1 | initial version |
Ok lets take the time to answer some of your questions. As mentioned before by @GilLevi, always try out the available models first before going into training your own detector model. It will take time and parameter tuning to reach an effective model.
1) How much time does it take to train a classifier using LBP for detecting cars?
I trained an LBP model in a couple of hours, resulting in a 20 stage classifier with poorer performance. In order to increase the performance you can use hard negative mining and retraining using those negatives to reach better results.
However it all depends on the situation where you want to detect cars. Is it aerial like in the topic mentioned, then you need to train your own model. Is it sideways? Then you can use prebuilt models that are already available in openCV.
2) What was the ratio of positive and negative images?
As far as I understand the training of object models, it depends on the variance in the data.

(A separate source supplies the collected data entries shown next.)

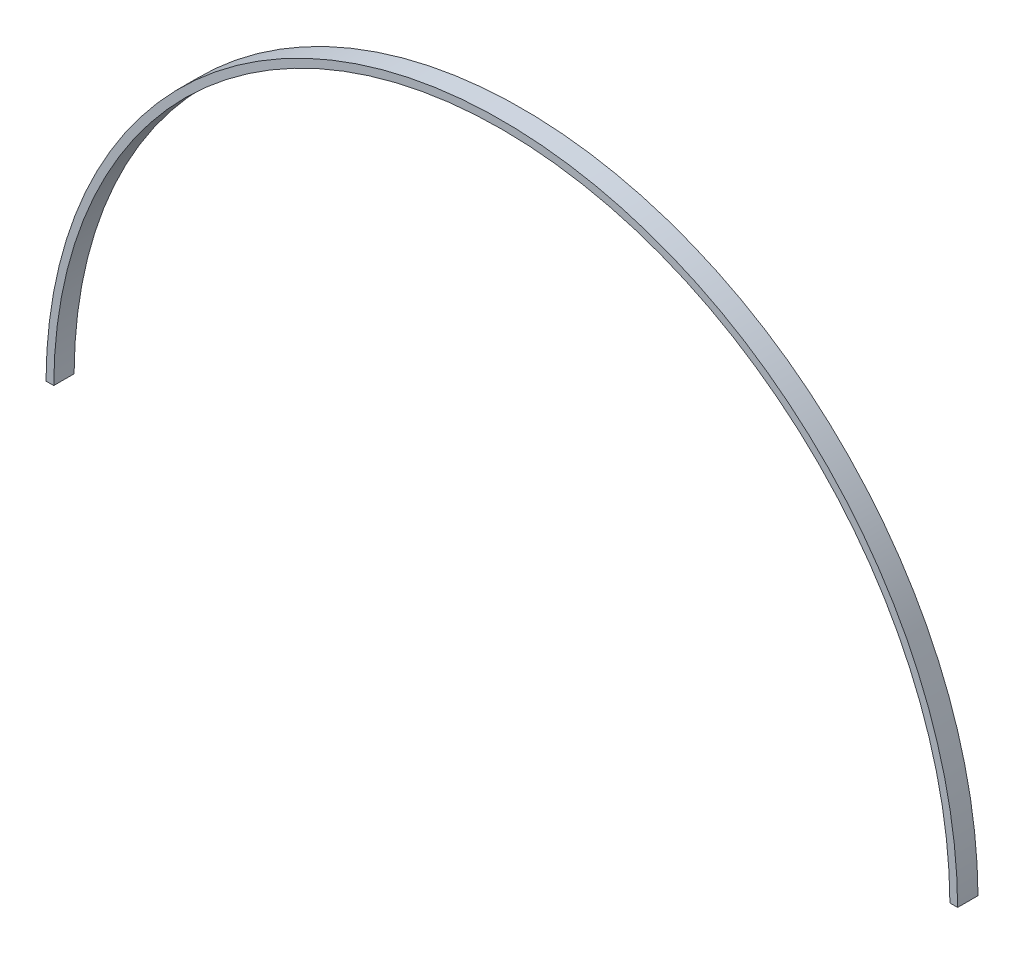
SolidWorks part; units mm, degrees
ref_plane "前视基准面" through (0, 0, 0) normal (0, 0, 1) x (1, 0, 0)
ref_plane "上视基准面" through (0, 0, 0) normal (0, 1, 0) x (1, 0, 0)
ref_plane "右视基准面" through (0, 0, 0) normal (1, 0, 0) x (0, 0, -1)
other "Configuration Table"
sketch "草图1" plane through (0, 0, 0) normal (0, 0, 1) x (1, 0, 0)
  line L0 (-3.9978, 1) -> (-0.1977, 1)
  line L1 (440.1977, 1) -> (443.9978, 1)
  arc A0 (443.9978, 1) -> (-3.9978, 1) centre (220, 0) ccw
  arc A1 (-0.1977, 1) -> (440.1977, 1) centre (220, 0) cw
  point P0 (0, 0)
  dimension "D1" = 224
  dimension "D2" = 220.2
  dimension "D3" = 3.8
  dimension "D4" = 443.9978
extrude "凸台-拉伸1" add sketch "草图1" against normal mid plane 10
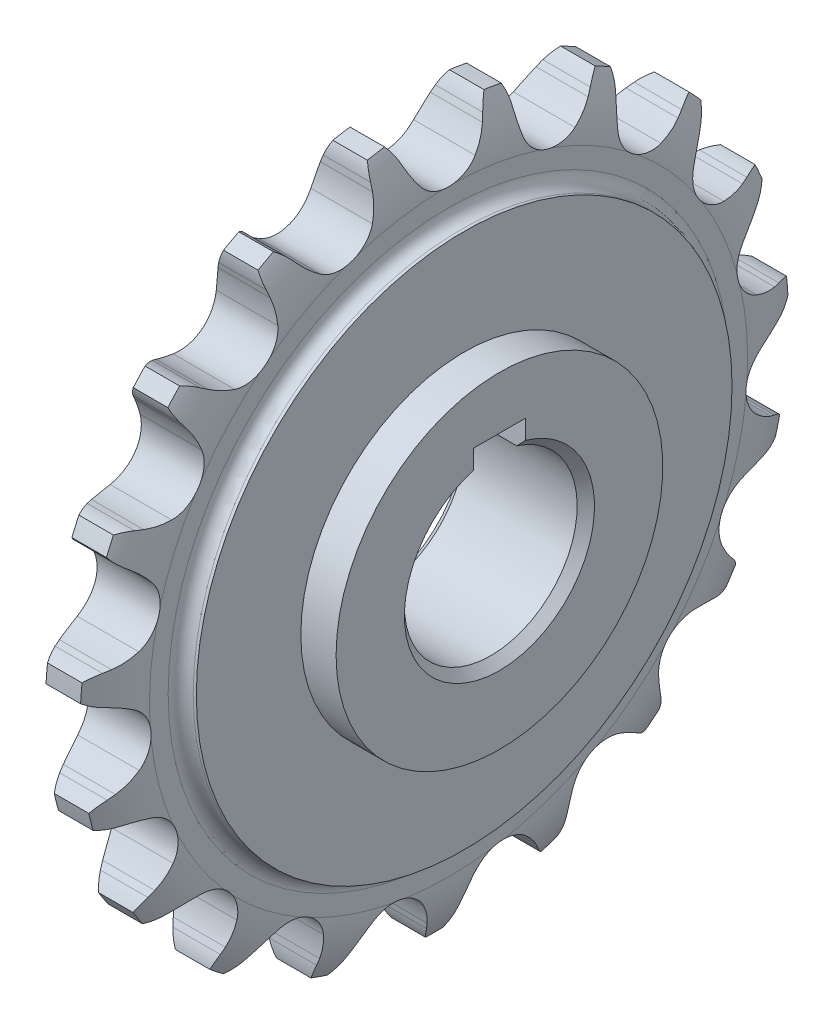
from build123d import *

# Parameters (mm, degrees)
CUT_EXTRUDE_1_DEPTH      = 5.460069882
PATTERN_CIRCULAR_1_COUNT = 19
SKETCH_3_W               = 4.079860236
SKETCH_3_H               = 8.904926129
SKETCH_4_W               = 6
SKETCH_4_H               = 3.260607938
CUT_EXTRUDE_2_DEPTH      = 60.844303841
CHAMFER_1_SIZE           = 1
CHAMFER_3_SIZE           = 1


with BuildPart() as part:
    # 草图1 → 旋转1 (revolve)
    with BuildSketch(Plane.XY, mode=Mode.PRIVATE) as revolve_1_sk:
        with BuildLine():
            Line((-5.460069882, 10), (-5.460069882, 31))
            Line((-5.460069882, 31), (-5.098105905, 31))
            ThreePointArc((-5.098105905, 31), (-4.074317176, 31.424067176), (-3.65025, 32.447855905))
            Line((-3.65025, 32.447855905), (-3.65025, 34.619639763))
            ThreePointArc((-3.65025, 34.619639763), (-3.245836945, 37.918781526), (-1.99925, 41))
            Line((-1.99925, 41), (1.99925, 41))
            ThreePointArc((1.99925, 41), (3.245836945, 37.918781526), (3.65025, 34.619639763))
            Line((3.65025, 34.619639763), (3.65025, 32.447855905))
            ThreePointArc((3.65025, 32.447855905), (4.074317176, 31.424067176), (5.098105905, 31))
            Line((5.098105905, 31), (5.460069882, 31))
            Line((5.460069882, 31), (5.460069882, 10))
            Line((5.460069882, 10), (-5.460069882, 10))
        make_face()
    revolve(revolve_1_sk.sketch.rotate(Axis((-6.35, 0, 0), (1, 0, 0)), 90), axis=Axis((-6.35, 0, 0), (1, 0, 0)))

    # 草图2 → 切除-拉伸1 (cut, symmetric)
    with BuildSketch(Plane(origin=(0, 0, 0), x_dir=(0, 0, -1), z_dir=(1, 0, 0))):
        with BuildLine():
            Line((4.552244709, 38.426451297), (4.858741585, 39.1448403))
            ThreePointArc((4.858741585, 39.1448403), (5.250930322, 39.90290393), (5.750855114, 40.594675334))
            ThreePointArc((5.750855114, 40.594675334), (0, 41), (-5.750855114, 40.594675334))
            ThreePointArc((-5.750855114, 40.594675334), (-5.250930322, 39.90290393), (-4.858741585, 39.1448403))
            Line((-4.858741585, 39.1448403), (-4.552244709, 38.426451297))
            ThreePointArc((-4.552244709, 38.426451297), (-3.937302758, 37.212676935), (-3.168676608, 36.089905522))
            ThreePointArc((-3.168676608, 36.089905522), (0, 34.549839763), (3.168676608, 36.089905522))
            ThreePointArc((3.168676608, 36.089905522), (3.937302758, 37.212676935), (4.552244709, 38.426451297))
        make_face()
    cut_extrude_1 = extrude(amount=CUT_EXTRUDE_1_DEPTH, both=True, mode=Mode.SUBTRACT)

    # 阵列(圆周)1: 切除-拉伸1 ×19 about axis
    pattern_circular_1_axis = Axis((0, 0, 0), (1, 0, 0))
    for i in range(1, PATTERN_CIRCULAR_1_COUNT):
        add(cut_extrude_1.rotate(pattern_circular_1_axis, i * 360 / PATTERN_CIRCULAR_1_COUNT), mode=Mode.SUBTRACT)

    # 草图3 → 旋转2 (revolve)
    with BuildSketch(Plane.XY, mode=Mode.PRIVATE) as revolve_2_sk:
        with Locations((7.5, 14.452463064)):
            Rectangle(SKETCH_3_W, SKETCH_3_H)
    revolve(revolve_2_sk.sketch.rotate(Axis((0, 0, 0), (1, 0, 0)), 90), axis=Axis((0, 0, 0), (1, 0, 0)))

    # 草图4 → 切除-拉伸2 (cut, through all)
    with BuildSketch(Plane.ZY.offset(5.460069882)):
        with Locations((0, 11.169695983)):
            Rectangle(SKETCH_4_W, SKETCH_4_H)
    extrude(amount=-CUT_EXTRUDE_2_DEPTH, mode=Mode.SUBTRACT)

    # 倒角1
    chamfer_1_edges = [part.edges().sort_by_distance(p)[0] for p in [
        (-5.460069882, -10, 0),
    ]]
    chamfer(chamfer_1_edges, length=CHAMFER_1_SIZE)

    # 倒角3
    chamfer_3_edges = [part.edges().sort_by_distance(p)[0] for p in [
        (9.539930118, -10, 0),
    ]]
    chamfer(chamfer_3_edges, length=CHAMFER_3_SIZE)


solid = part.part
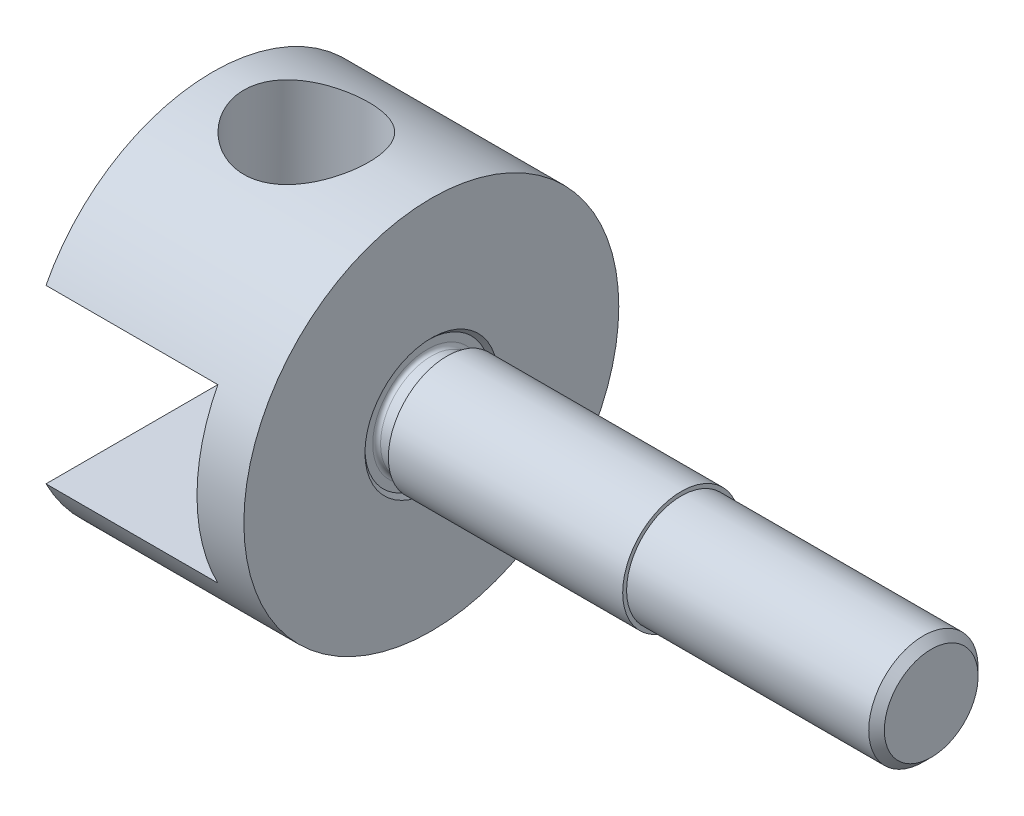
from build123d import *

# Parameters (mm, degrees)
SKETCH2_W               = 84.798069866
SKETCH2_H               = 22
CUT_EXTRUDE1_DEPTH      = 22
CUT_EXTRUDE2_DEPTH      = 51
CUT_EXTRUDE2_DEPTH_BACK = 22
SKETCH3_R               = 8
CHAMFER1_SIZE           = 1


with BuildPart() as part:
    # Sketch1 → Revolve1 (revolve)
    with BuildSketch(Plane.XY, mode=Mode.PRIVATE) as revolve1_sk:
        Polygon((0, 0), (0, 24), (28, 24), (28, 7), (30, 7), (30, 7.5), (60, 7.5), (60, 7), (92, 7), (92, 0), align=None)
    revolve(revolve1_sk.sketch.rotate(Axis((-36.181818182, 0, 0), (1, 0, 0)), 90), axis=Axis((-36.181818182, 0, 0), (1, 0, 0)))

    # Sketch2 → Cut-Extrude1 (cut)
    with BuildSketch(Plane.ZY):
        Rectangle(SKETCH2_W, SKETCH2_H)
    extrude(amount=-CUT_EXTRUDE1_DEPTH, mode=Mode.SUBTRACT)

    # Sketch3 → Cut-Extrude2 (cut, two sides: drawn at the far end of the back side and taken through both)
    with BuildSketch(Plane(origin=(0, -11, 0), x_dir=(1, 0, 0), z_dir=(0, 1, 0)).offset(-CUT_EXTRUDE2_DEPTH_BACK)):
        with Locations(Location((12, 0, 0), (0, 0, 90))):
            Circle(SKETCH3_R)
    extrude(amount=CUT_EXTRUDE2_DEPTH + CUT_EXTRUDE2_DEPTH_BACK, mode=Mode.SUBTRACT)

    # Sketch7 → Cut-Revolve1 (revolve, cut)
    with BuildSketch(Plane(origin=(0, 0, 0), x_dir=(1, 0, 0), z_dir=(0, 1, 0))):
        with BuildLine():
            Line((28, -6.5), (29.5, -6.5))
            Line((29.5, -6.5), (30, -7))
            Line((30, -7), (28, -7))
            Line((28, -7), (28, -8.5))
            Line((28, -8.5), (27.5, -8))
            Line((27.5, -8), (27.5, -7))
            ThreePointArc((27.5, -7), (27.646446609, -6.646446609), (28, -6.5))
        make_face()
    revolve(axis=Axis((0, 0, 0), (1, 0, 0)), mode=Mode.SUBTRACT)

    # Chamfer1
    chamfer1_edges = [part.edges().sort_by_distance(p)[0] for p in [
        (92, 0, -7),
    ]]
    chamfer(chamfer1_edges, length=CHAMFER1_SIZE)


solid = part.part

If you cannot isolate the important training data that will form the decision border of your classifier, then a ratio of 1.000 positives and 10.000 negatives will get you quite far. If you however use just a plain set without prior knowledge, getting a decent classifier could lead you to data amounts of 10.000 positives and 100.000 negatives.
3) Which dataset did you use to train your LBP classifier? 6) Is it possible to share the classifier?
A private dataset of a company I am working together with. Due to this and the NDA I have signed I cannot share any data nor the trained model.
4) How long does it take to train the classifier?
It took me about 2-3 days to train a decent basic classifier adjusting parameters and performing hard negative mining.
5) Were you able to make a comparison of HaarCascade Classifier and LBP?
Yes. I always start training using LBP. If your context of the application is less complex, several hunderd of training images can result in a very nice detector in only a couple of hours. Compared to that the HAAR training takes up to a week and longer for the same result. It depends on many things, including the current implementation which is far from optimal.